U.S. power is not unlimited. On January 4, Brazil, Chile, Colombia, Mexico, Uruguay, and Spain — all led by leftist governments, though Chile will soon be led by a far-right leader — issued a joint statement condemning the U.S. attack on Venezuela as a violation of international law that endangers peace and stability in the region. The statement also rejects foreign appropriation of another nation’s resources. During an emergency meeting of the United Nations Security Council, the U.S. attack on Venezuela was widely condemned including by U.S. allies, with the French ambassador stating the U.S. attack “chips away at the very foundation of international order.” A Reuters/Ipsos poll released January 5 found only one-third of the American public supports U.S. military action against Maduro and that 72 percent of Americans are concerned the U.S. will become too involved in Venezuela.

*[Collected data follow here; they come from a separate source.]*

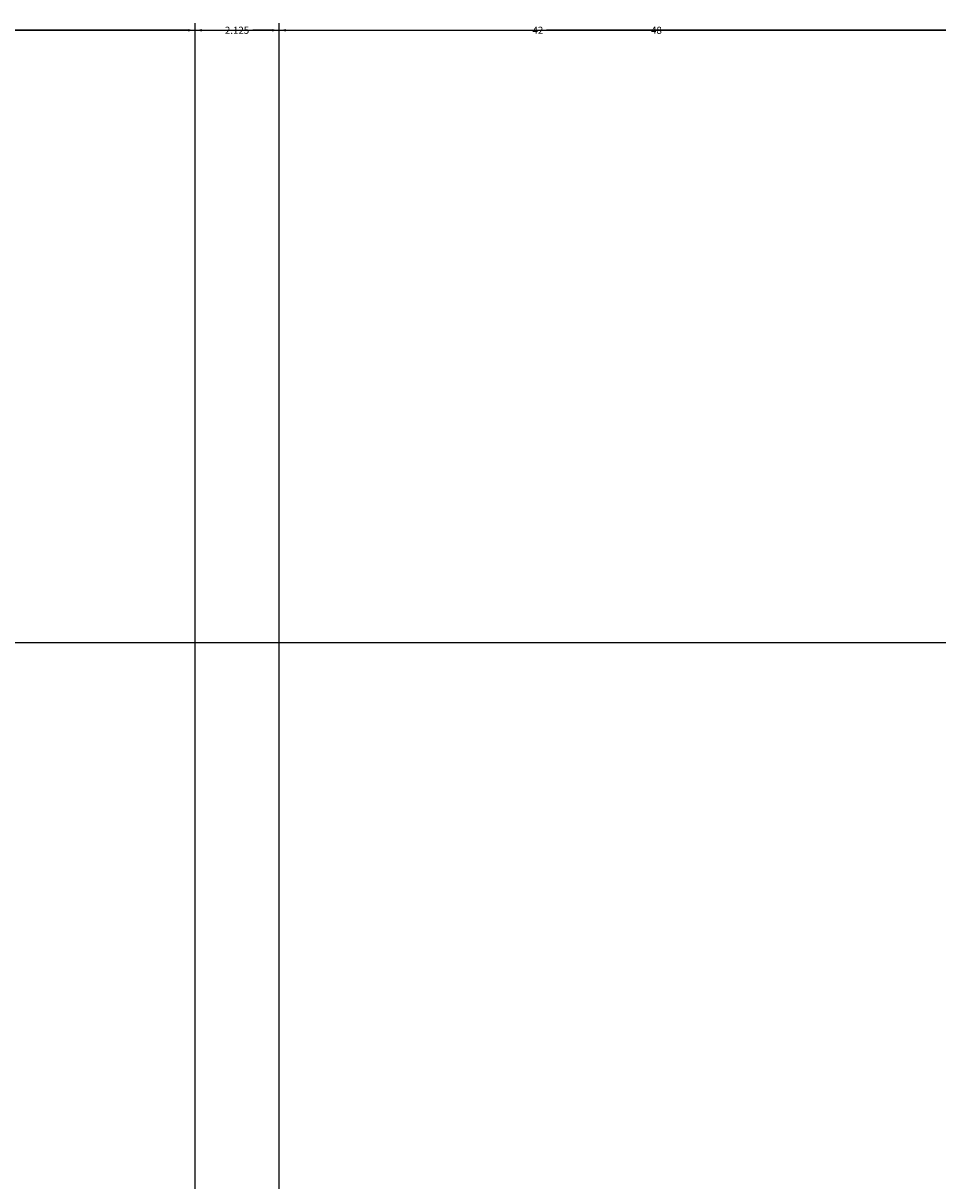
# Model space of a CAD drawing. Units: inches. Extents: x -6 to 289, y -8 to 323.
# Tile 102 of 107: x 196 to 219, y 294 to 323. Entities that reach past the tile are written whole.
import ezdxf

# ---------------------------------------------------------------- set-up
doc = ezdxf.new("R2010")
doc.units = ezdxf.units.IN
doc.header["$MEASUREMENT"] = 0
doc.layers.add('A-ANNO-DIMS', color=2, linetype='Continuous', lineweight=18)
doc.styles.get("Standard").update_dxf_attribs({"font": 'arial.ttf'})
doc.dimstyles.get("Standard").update_dxf_attribs({"dimtxt": 0.18, "dimasz": 0.18, "dimexe": 0.18, "dimexo": 0.0625, "dimgap": 0.09, "dimtad": 0, "dimtih": 1, "dimtoh": 1, "dimdec": 4, "dimzin": 0, "dimdsep": 46, "dimtxsty": 'Standard', "dimcen": 0.09, "dimadec": 0, "dimazin": 0, "dimtfac": 1, "dimtdec": 4, "dimtofl": 0, "dimtmove": 0, "dimatfit": 3, "dimfxl": 1, "dimtolj": 1, "dimtzin": 0, "dimarcsym": 0})

# ---------------------------------------------------------------- blocks, each defined once
blk = doc.blocks.new('*D13')
at = {"layer": 'A-ANNO-DIMS', "color": 0, "lineweight": -2, "transparency": 16777216}
for p, q in [((188.292, 226.951), (188.292, 322.969)), ((236.292, 226.951), (236.292, 322.969)), ((188.472, 322.789), (212.069, 322.789)), ((236.112, 322.789), (212.515, 322.789))]:
    blk.add_line(p, q, dxfattribs=at)
at = {"layer": 'A-ANNO-DIMS', "color": 0, "transparency": 16777216}
for points in [[(188.472, 322.819), (188.472, 322.759), (188.292, 322.789)], [(236.112, 322.819), (236.112, 322.759), (236.292, 322.789)]]:
    blk.add_solid(points, dxfattribs=at)
at = {"layer": 'Defpoints', "color": 0, "transparency": 16777216}
for p in [(236.292, 322.789), (188.292, 226.889), (236.292, 226.889)]:
    blk.add_point(p, dxfattribs=at)
at = {"layer": 'A-ANNO-DIMS', "color": 0, "transparency": 16777216, "insert": (212.292, 322.789), "char_height": 0.18, "attachment_point": 5}
blk.add_mtext('\\A1;48', dxfattribs=at)
blk = doc.blocks.new('*D27')
at = {"layer": 'A-ANNO-DIMS', "color": 0, "lineweight": -2, "transparency": 16777216}
for p, q in [((19.226, 307.289), (288.653, 307.289)), ((288.473, 307.109), (288.473, 277.471)), ((288.473, 247.469), (288.473, 277.107)), ((247.226, 247.289), (288.653, 247.289))]:
    blk.add_line(p, q, dxfattribs=at)
at = {"layer": 'A-ANNO-DIMS', "color": 0, "transparency": 16777216}
for points in [[(288.443, 307.109), (288.503, 307.109), (288.473, 307.289)], [(288.443, 247.469), (288.503, 247.469), (288.473, 247.289)]]:
    blk.add_solid(points, dxfattribs=at)
at = {"layer": 'Defpoints', "color": 0, "transparency": 16777216}
for p in [(19.164, 307.289), (288.473, 307.289), (247.164, 247.289)]:
    blk.add_point(p, dxfattribs=at)
at = {"layer": 'A-ANNO-DIMS', "color": 0, "transparency": 16777216, "insert": (288.473, 277.289), "char_height": 0.18, "attachment_point": 5}
blk.add_mtext('\\A1;60', dxfattribs=at)
blk = doc.blocks.new('*D80')
at = {"layer": 'A-ANNO-DIMS', "color": 0, "lineweight": -2, "transparency": 16777216}
for p, q in [((188.292, 116.842), (188.292, 322.969)), ((230.292, 116.842), (230.292, 322.969)), ((188.472, 322.789), (209.07, 322.789)), ((230.112, 322.789), (209.513, 322.789))]:
    blk.add_line(p, q, dxfattribs=at)
at = {"layer": 'A-ANNO-DIMS', "color": 0, "transparency": 16777216}
for points in [[(188.472, 322.819), (188.472, 322.759), (188.292, 322.789)], [(230.112, 322.819), (230.112, 322.759), (230.292, 322.789)]]:
    blk.add_solid(points, dxfattribs=at)
at = {"layer": 'Defpoints', "color": 0, "transparency": 16777216}
for p in [(230.292, 322.789), (188.292, 116.779), (230.292, 116.779)]:
    blk.add_point(p, dxfattribs=at)
at = {"layer": 'A-ANNO-DIMS', "color": 0, "transparency": 16777216, "insert": (209.292, 322.789), "char_height": 0.18, "attachment_point": 5}
blk.add_mtext('\\A1;42', dxfattribs=at)
blk = doc.blocks.new('*D96')
at = {"layer": 'A-ANNO-DIMS', "color": 0, "lineweight": -2, "transparency": 16777216}
for p, q in [((164.004, 159.411), (164.004, 322.969)), ((200.616, 159.411), (200.616, 322.969)), ((164.184, 322.789), (181.934, 322.789)), ((200.436, 322.789), (182.686, 322.789))]:
    blk.add_line(p, q, dxfattribs=at)
at = {"layer": 'A-ANNO-DIMS', "color": 0, "transparency": 16777216}
for points in [[(164.184, 322.819), (164.184, 322.759), (164.004, 322.789)], [(200.436, 322.819), (200.436, 322.759), (200.616, 322.789)]]:
    blk.add_solid(points, dxfattribs=at)
at = {"layer": 'Defpoints', "color": 0, "transparency": 16777216}
for p in [(200.616, 322.789), (164.004, 159.348), (200.616, 159.348)]:
    blk.add_point(p, dxfattribs=at)
at = {"layer": 'A-ANNO-DIMS', "color": 0, "transparency": 16777216, "insert": (182.31, 322.789), "char_height": 0.18, "attachment_point": 5}
blk.add_mtext('\\A1;36.61', dxfattribs=at)
blk = doc.blocks.new('*D97')
at = {"layer": 'A-ANNO-DIMS', "color": 0, "lineweight": -2, "transparency": 16777216}
for p, q in [((200.616, 159.411), (200.616, 322.969)), ((202.741, 159.411), (202.741, 322.969)), ((200.796, 322.789), (201.283, 322.789)), ((202.561, 322.789), (202.075, 322.789))]:
    blk.add_line(p, q, dxfattribs=at)
at = {"layer": 'A-ANNO-DIMS', "color": 0, "transparency": 16777216}
for points in [[(200.796, 322.819), (200.796, 322.759), (200.616, 322.789)], [(202.561, 322.819), (202.561, 322.759), (202.741, 322.789)]]:
    blk.add_solid(points, dxfattribs=at)
at = {"layer": 'Defpoints', "color": 0, "transparency": 16777216}
for p in [(202.741, 322.789), (200.616, 159.348), (202.741, 159.348)]:
    blk.add_point(p, dxfattribs=at)
at = {"layer": 'A-ANNO-DIMS', "color": 0, "transparency": 16777216, "insert": (201.679, 322.789), "char_height": 0.18, "attachment_point": 5}
blk.add_mtext('\\A1;2.125', dxfattribs=at)
blk = doc.blocks.new('*D98')
at = {"layer": 'A-ANNO-DIMS', "color": 0, "lineweight": -2, "transparency": 16777216}
for p, q in [((202.741, 159.411), (202.741, 322.969)), ((244.164, 159.411), (244.164, 322.969)), ((202.921, 322.789), (223.056, 322.789)), ((243.984, 322.789), (223.849, 322.789))]:
    blk.add_line(p, q, dxfattribs=at)
at = {"layer": 'A-ANNO-DIMS', "color": 0, "transparency": 16777216}
for points in [[(202.921, 322.819), (202.921, 322.759), (202.741, 322.789)], [(243.984, 322.819), (243.984, 322.759), (244.164, 322.789)]]:
    blk.add_solid(points, dxfattribs=at)
at = {"layer": 'Defpoints', "color": 0, "transparency": 16777216}
for p in [(244.164, 322.789), (202.741, 159.348), (244.164, 159.348)]:
    blk.add_point(p, dxfattribs=at)
at = {"layer": 'A-ANNO-DIMS', "color": 0, "transparency": 16777216, "insert": (223.452, 322.789), "char_height": 0.18, "attachment_point": 5}
blk.add_mtext('\\A1;41.42', dxfattribs=at)
blk = doc.blocks.new('*D108')
at = {"layer": 'A-ANNO-DIMS', "color": 0, "lineweight": -2, "transparency": 16777216}
for p, q in [((186.984, 291.541), (186.984, 322.969)), ((255.804, 291.541), (255.804, 322.969)), ((187.164, 322.789), (221, 322.789)), ((255.624, 322.789), (221.787, 322.789))]:
    blk.add_line(p, q, dxfattribs=at)
at = {"layer": 'A-ANNO-DIMS', "color": 0, "transparency": 16777216}
for points in [[(187.164, 322.819), (187.164, 322.759), (186.984, 322.789)], [(255.624, 322.819), (255.624, 322.759), (255.804, 322.789)]]:
    blk.add_solid(points, dxfattribs=at)
at = {"layer": 'Defpoints', "color": 0, "transparency": 16777216}
for p in [(255.804, 322.789), (186.984, 291.478), (255.804, 291.478)]:
    blk.add_point(p, dxfattribs=at)
at = {"layer": 'A-ANNO-DIMS', "color": 0, "transparency": 16777216, "insert": (221.394, 322.789), "char_height": 0.18, "attachment_point": 5}
blk.add_mtext('\\A1;68.82', dxfattribs=at)
blk = doc.blocks.new('*D118')
at = {"layer": 'A-ANNO-DIMS', "color": 0, "lineweight": -2, "transparency": 16777216}
for p, q in [((118.226, 307.289), (288.653, 307.289)), ((288.473, 307.109), (288.473, 300.659)), ((288.473, 293.846), (288.473, 300.295)), ((257.703, 293.666), (288.653, 293.666))]:
    blk.add_line(p, q, dxfattribs=at)
at = {"layer": 'A-ANNO-DIMS', "color": 0, "transparency": 16777216}
for points in [[(288.443, 307.109), (288.503, 307.109), (288.473, 307.289)], [(288.443, 293.846), (288.503, 293.846), (288.473, 293.666)]]:
    blk.add_solid(points, dxfattribs=at)
at = {"layer": 'Defpoints', "color": 0, "transparency": 16777216}
for p in [(118.164, 307.289), (288.473, 307.289), (257.641, 293.666)]:
    blk.add_point(p, dxfattribs=at)
at = {"layer": 'A-ANNO-DIMS', "color": 0, "transparency": 16777216, "insert": (288.473, 300.477), "char_height": 0.18, "attachment_point": 5}
blk.add_mtext('\\A1;13.623', dxfattribs=at)

msp = doc.modelspace()

# ---------------------------------------------------------------- dimensions: what is measured, and where the dimension line sits
at = {"layer": 'A-ANNO-DIMS'}
for base, p1, p2, override, picture, middle in [((200.6162, 322.7888), (164.0039, 159.3484), (200.6162, 159.3484), {"dimdec": 2, "dimlfac": 1, "dimrnd": 0, "dimzin": 0, "dimdsep": 46, "dimlunit": 2}, '*D96', (182.3101, 322.7888)), ((255.8036, 322.7888), (186.9837, 291.4781), (255.8036, 291.4781), {"dimdec": 2, "dimlfac": 1, "dimrnd": 0, "dimzin": 0, "dimdsep": 46, "dimlunit": 2}, '*D108', (221.3936, 322.7888)), ((236.2918, 322.7888), (188.2918, 226.8887), (236.2918, 226.8887), {"dimdec": 0, "dimlfac": 1, "dimrnd": 0, "dimzin": 0, "dimdsep": 46, "dimlunit": 2}, '*D13', (212.2918, 322.7888)), ((230.2918, 322.7888), (188.2918, 116.7795), (230.2918, 116.7795), {"dimdec": 0, "dimlfac": 1, "dimrnd": 0, "dimzin": 0, "dimdsep": 46, "dimlunit": 2}, '*D80', (209.2918, 322.7888)), ((202.741, 322.7888), (200.6162, 159.3484), (202.741, 159.3484), {"dimdec": 3, "dimlfac": 1, "dimrnd": 0, "dimzin": 0, "dimdsep": 46, "dimlunit": 2}, '*D97', (201.6786, 322.7888)), ((244.1638, 322.7888), (202.741, 159.3484), (244.1638, 159.3484), {"dimdec": 2, "dimlfac": 1, "dimrnd": 0, "dimzin": 0, "dimdsep": 46, "dimlunit": 2}, '*D98', (223.4524, 322.7888))]:
    dim = msp.add_linear_dim(base=base, p1=p1, p2=p2, dimstyle='Standard', override=override, dxfattribs=at)
    dim.commit()
    dim.dimension.update_dxf_attribs({"geometry": picture, "text_midpoint": middle})
for p1, p2, override, picture, middle in [((247.1638, 247.2888), (19.1638, 307.2888), {"dimdec": 0, "dimlfac": 1, "dimrnd": 0, "dimzin": 0, "dimdsep": 46, "dimlunit": 2}, '*D27', (288.4733, 277.2888)), ((257.6407, 293.6657), (118.1638, 307.2888), {"dimdec": 3, "dimlfac": 1, "dimrnd": 0, "dimzin": 0, "dimdsep": 46, "dimlunit": 2}, '*D118', (288.4733, 300.4773))]:
    dim = msp.add_linear_dim(base=(288.4733, 307.2888), p1=p1, p2=p2, angle=90, dimstyle='Standard', override=override, dxfattribs=at)
    dim.commit()
    dim.dimension.update_dxf_attribs({"geometry": picture, "text_midpoint": middle})

doc.saveas('drawing.dxf')

There is little doubt the Trump administration will continue to threaten Latin America and other regions of the world. But the results of this unchecked imperialism may not always be to Trump’s liking. In addition to intimidating leaders into submitting to U.S. power, there is also the possibility that imperial overreach will spark nationalist and popular backlashes that in turn benefit leftist and anti-imperialist forces. This is precisely what happened earlier this year when Trump’s heavy-handed support for jailed Brazilian ex-President Jair Bolsonaro and threats to slap Brazil with 50 percent tariffs boosted Luiz Inácio Lula da Silva’s flagging popularity. A similar pattern unfolded in 2002, when Evo Morales shot to the top of Bolivian presidential polls after the U.S. ambassador called him a narco-terrorist. Trump may think this is “our” hemisphere, as his State Department does, but Latin Americans will have the last word.